The weird world of celebrity diets

Book Cover Handout of I'll Have What She's Having, by Rebecca Harrington, published by Virago. See PA Feature BOOK Harrington. Picture credit should read: PA Photo/Virago. WARNING: This picture must only be used to accompany PA Feature BOOK Harrington.
Book Cover Handout of I'll Have What She's Having, by Rebecca Harrington, published by Virago. See PA Feature BOOK Harrington. Picture credit should read: PA Photo/Virago. WARNING: This picture must only be used to accompany PA Feature BOOK Harrington.

Bookshelves are now groaning under the weight of new diet books, as a raft of celebrities offer advice on how to minimise those curves and reach so-called physical perfection.

Liz Earle’s telling us to juice, Davina McCall’s banishing sugar, while TV presenter Anna Richardson uses psychology to help us master our muffin tops, all in new books.

Every year, we gorge on advice from the rich and famous, from Gwyneth Paltrow and Cameron Diaz to Victoria Beckham and Miranda Kerr, as to how we can achieve their enviable physiques.

Serial dieter, New Yorker Rebecca Harrington has tried them all, from the weird concoctions Elizabeth Taylor would consume to retain her hourglass figure, to the ‘sea vegetables’ Madonna existed on and the ‘salt water flush’ she used to channel her inner Beyonce.

Today, Harrington, 29, is the same size she has been for a while – she won’t reveal her weight or her dress size – but she stresses that with every celebrity diet she’s tried, she put any weight she lost back on again immediately afterwards.

Now, she has rustled up I’ll Have What She’s Having, a witty, tongue-in-cheek book which charts her experiences of the weird and wonderful celebrity diets she has followed and the effects they had on her – a mix of fainting spells, spots and potential salmonella.

“When you Google celebrities, you get celebrity diets at the top of the page. Almost everyone famous provides an eating plan, so it was an easy one to follow,” says the journalist and author.

“I think that Gwyneth Paltrow’s diet is a really good one, if you’re a millionaire, because all the ingredients cost so much, but a lot of the older celebrities followed regimes that were really gross. In many cases, dieting is just making normal food disgusting.”

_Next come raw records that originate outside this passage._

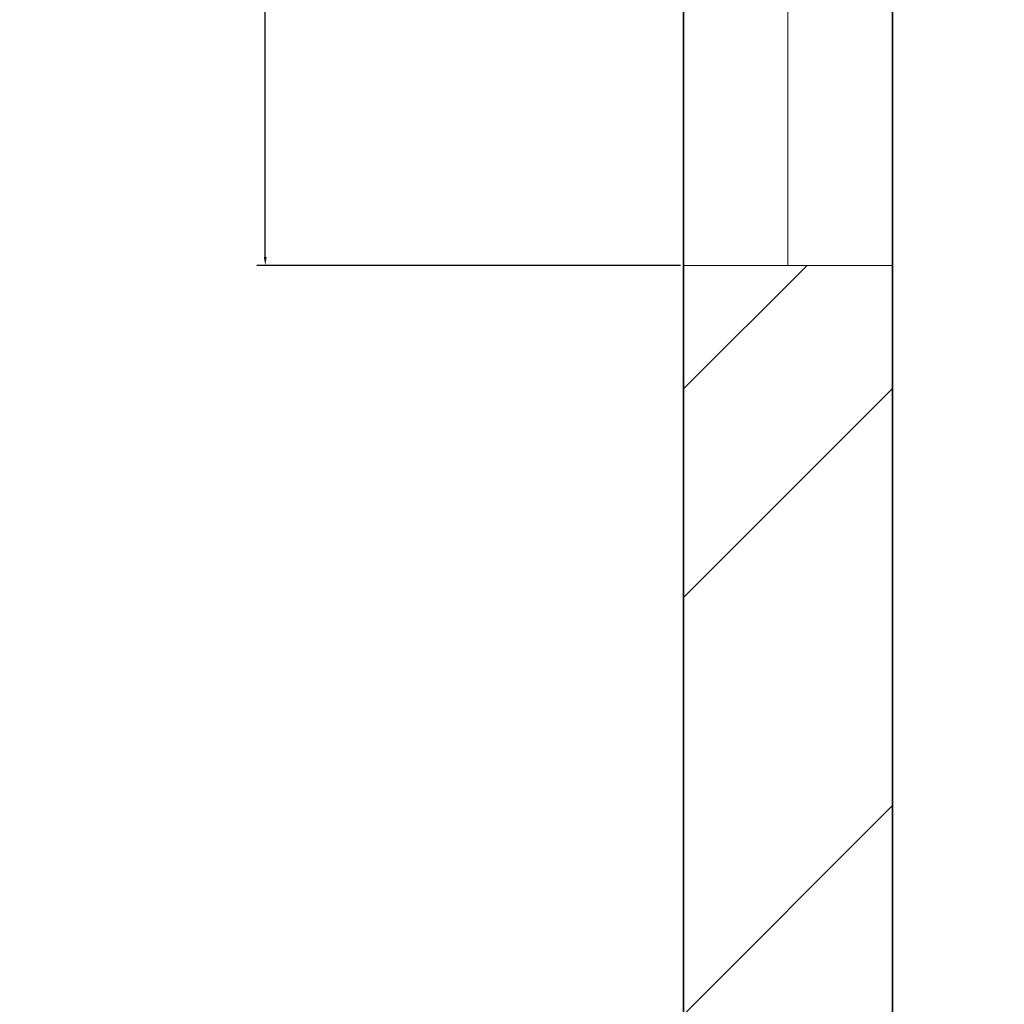
# Model space of a CAD drawing. Units: inches. Extents: x 1962 to 2771, y 1245 to 2660.
# Tile 23 of 114: x 2072 to 2093, y 1831 to 1852. Entities that reach past the tile are written whole.
import ezdxf

# ---------------------------------------------------------------- set-up
doc = ezdxf.new("R2010")
doc.units = ezdxf.units.IN
for name, color, linetype, lineweight in [('A-ANNO-DIMS', 2, 'Continuous', 18), ('A-GLAZ', 4, 'Continuous', 18), ('A-WALL', 7, 'Continuous', 35), ('A-WALL-PATT', 252, 'Continuous', 13)]:
    doc.layers.add(name, color=color, linetype=linetype, lineweight=lineweight)
doc.styles.get("Standard").update_dxf_attribs({"font": 'arial.ttf'})
doc.dimstyles.get("Standard").update_dxf_attribs({"dimtxt": 0.18, "dimasz": 0.18, "dimexe": 0.18, "dimexo": 0.0625, "dimgap": 0.09, "dimtad": 0, "dimtih": 1, "dimtoh": 1, "dimdec": 4, "dimzin": 0, "dimdsep": 46, "dimtxsty": 'Standard', "dimcen": 0.09, "dimadec": 0, "dimazin": 0, "dimtfac": 1, "dimtdec": 4, "dimtofl": 0, "dimtmove": 0, "dimatfit": 3, "dimfxl": 1, "dimtolj": 1, "dimtzin": 0, "dimarcsym": 0})

# ---------------------------------------------------------------- blocks, each defined once
blk = doc.blocks.new('WIN-60IN-A')
for p, q in [((2.25, 60), (2.25, 0)), ((2.25, 0), (0, 0)), ((0, 0), (4.5, 0))]:
    blk.add_line(p, q)
blk = doc.blocks.new('*D22')
at = {"layer": 'A-ANNO-DIMS', "color": 0, "lineweight": -2, "transparency": 16777216}
for p, q in [((2086.245, 1906.501), (2077.127, 1906.501)), ((2077.307, 1906.321), (2077.307, 1876.683)), ((2077.307, 1846.681), (2077.307, 1876.319)), ((2086.245, 1846.501), (2077.127, 1846.501))]:
    blk.add_line(p, q, dxfattribs=at)
at = {"layer": 'A-ANNO-DIMS', "color": 0, "transparency": 16777216}
for points in [[(2077.277, 1906.321), (2077.337, 1906.321), (2077.307, 1906.501)], [(2077.277, 1846.681), (2077.337, 1846.681), (2077.307, 1846.501)]]:
    blk.add_solid(points, dxfattribs=at)
at = {"layer": 'Defpoints', "color": 0, "transparency": 16777216}
for p in [(2077.307, 1906.501), (2086.307, 1906.501), (2086.307, 1846.501)]:
    blk.add_point(p, dxfattribs=at)
at = {"layer": 'A-ANNO-DIMS', "color": 0, "transparency": 16777216, "insert": (2077.307, 1876.501), "char_height": 0.18, "attachment_point": 5}
blk.add_mtext('\\A1;W3A 60 TYP.', dxfattribs=at)

msp = doc.modelspace()

# ---------------------------------------------------------------- hatches: boundary and pattern name
at = {"layer": 'A-WALL-PATT'}
h = msp.add_hatch(dxfattribs=at)
h.set_pattern_fill('ANSI32', color=256)
h.paths.add_polyline_path([(2090.8074, 2467.3437), (2141.6481, 2467.3437), (2141.6481, 2469.5937), (2141.6481, 2471.8437), (2086.3074, 2471.8437), (2086.3074, 2422.5333), (2090.8074, 2422.5333)])
h.paths.add_polyline_path([(2282.7664, 2471.8437), (2204.8982, 2471.8437), (2204.8982, 2467.3437), (2234.8074, 2467.3437), (2234.8074, 2311.3437), (2228.7492, 2311.3437), (2228.7492, 2306.8437), (2234.8074, 2306.8437), (2331.9227, 2306.8437), (2331.9227, 2309.0937), (2331.9227, 2311.3437), (2239.3074, 2311.3437), (2239.3074, 2467.3437), (2282.7664, 2467.3437), (2282.7664, 2469.5937)])
h.paths.add_polyline_path([(2471.4531, 2519.8437), (2552.011, 2519.8437), (2564.3996, 2519.8437), (2564.3996, 2511.1389), (2568.8996, 2511.1389), (2568.8996, 2524.3437), (2466.9531, 2524.3437), (2466.9531, 2471.8437), (2450.0749, 2471.8437), (2446.4672, 2471.8437), (2446.4672, 2467.3437), (2450.0749, 2467.3437), (2475.9988, 2467.3437), (2475.9988, 2469.5937), (2475.9988, 2471.8437), (2471.4531, 2471.8437)])
h.paths.add_polyline_path([(2575.2231, 2469.5937), (2575.2231, 2471.8437), (2568.8996, 2471.8437), (2568.8996, 2487.1389), (2564.3996, 2487.1389), (2564.3996, 2471.8437), (2556.511, 2471.8437), (2499.2904, 2471.8437), (2499.2904, 2467.3437), (2507.8074, 2467.3437), (2507.8074, 2311.3437), (2414.863, 2311.3437), (2414.863, 2306.8437), (2512.3074, 2306.8437), (2517.0114, 2306.8437), (2517.0114, 2309.0937), (2517.0114, 2311.3437), (2512.3074, 2311.3437), (2512.3074, 2467.3437), (2575.2231, 2467.3437)])
h.paths.add_polyline_path([(2660.8074, 2471.8437), (2600.9602, 2471.8437), (2600.9602, 2467.3437), (2656.3074, 2467.3437), (2656.3074, 2432.5704), (2660.8074, 2432.5704)])
h.paths.add_polyline_path([(2660.8074, 2372.5704), (2656.3074, 2372.5704), (2656.3074, 2311.3437), (2600.276, 2311.3437), (2600.276, 2309.0937), (2600.276, 2306.8437), (2656.3074, 2306.8437), (2656.3074, 2296.2593), (2660.8074, 2296.2593)])
h.paths.add_polyline_path([(2572.3074, 2306.8437), (2577.1385, 2306.8437), (2577.1385, 2311.3437), (2551.082, 2311.3437), (2551.082, 2306.8437), (2567.8074, 2306.8437), (2567.8074, 2258.8437), (2540.0574, 2258.8437), (2540.0574, 2256.5937), (2540.0574, 2254.3437), (2567.8074, 2254.3437), (2656.3074, 2254.3437), (2656.3074, 2236.9085), (2660.8074, 2236.9085), (2660.8074, 2272.2593), (2656.3074, 2272.2593), (2656.3074, 2258.8437), (2572.3074, 2258.8437)])
h.paths.add_polyline_path([(2512.3074, 2254.3437), (2518.8716, 2254.3437), (2518.8716, 2256.5937), (2518.8716, 2258.8437), (2507.8074, 2258.8437), (2507.8074, 2177.8437), (2567.8074, 2177.8437), (2567.8074, 2172.9628), (2572.3074, 2172.9628), (2572.3074, 2177.8437), (2656.3074, 2177.8437), (2656.3074, 2166.4846), (2660.8074, 2166.4846), (2660.8074, 2200.9085), (2656.3074, 2200.9085), (2656.3074, 2182.3437), (2512.3074, 2182.3437)])
h.paths.add_polyline_path([(2656.3074, 2129.8437), (2572.3074, 2129.8437), (2572.3074, 2150.3044), (2570.0574, 2150.3044), (2567.8074, 2150.3044), (2567.8074, 2129.8437), (2507.8074, 2129.8437), (2507.8074, 2116.3027), (2510.0574, 2116.3027), (2512.3074, 2116.3027), (2512.3074, 2125.3437), (2567.8074, 2125.3437), (2572.3074, 2125.3437), (2656.3074, 2125.3437)])
h.paths.add_polyline_path([(2090.8074, 2362.5333), (2086.3074, 2362.5333), (2086.3074, 2298.6242), (2090.8074, 2298.6242), (2090.8074, 2306.8437), (2174.8074, 2306.8437), (2174.8074, 2286.4178), (2179.3074, 2286.4178), (2179.3074, 2306.8437), (2192.8641, 2306.8437), (2192.8641, 2309.0937), (2192.8641, 2311.3437), (2090.8074, 2311.3437)])
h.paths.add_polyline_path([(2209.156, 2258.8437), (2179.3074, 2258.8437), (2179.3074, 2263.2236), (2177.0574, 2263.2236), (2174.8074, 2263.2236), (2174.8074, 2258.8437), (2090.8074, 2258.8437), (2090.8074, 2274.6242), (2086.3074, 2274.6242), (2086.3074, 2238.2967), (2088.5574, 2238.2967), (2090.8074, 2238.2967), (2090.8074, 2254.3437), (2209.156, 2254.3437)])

She cites the late Hollywood star Elizabeth Taylor, who would take a potentially delicious fillet steak and place it on a piece of bread slathered with peanut butter. Harrington tried it but couldn’t eat the concoction, despite being starving hungry.

“The steak’s juices mix with the peanut butter in an unappealing, oily way. I have three bites then throw the rest out,” she recalls.

Legendary Thirties actress Greta Garbo dieted throughout her life, loved fad diets and was a great follower of self-styled ‘doctor of natural science’ Gayelord Hauser, nutritionist to the stars. Harrington found her regime strange, to say the least.

“Some publications even speculated that the two were having an affair based around their shared love of disgusting food,” Harrington observes.

She tried to follow Hauser’s principals - he believed that if you fuel your body with ‘wonder foods’, such as brewer’s yeast, wheat germ and molasses, you would live to be 100.

But finding edible yeast in the shops was difficult, although she found some in a health food store which she could sprinkle on cereal.

“Dinner was terrible, based on Hauser’s meal for Garbo the first night he met her - a veggie burger consisting of wild rice and chopped hazelnuts, mixed with an egg and fried in soybean oil, plus a dessert of broiled grapefruit with molasses in the centre.”

Harrington recalls that the veggie burger tasted predominantly of eggs, the hazelnuts were an unpleasant surprise and the grapefruit dessert tasted medicinal.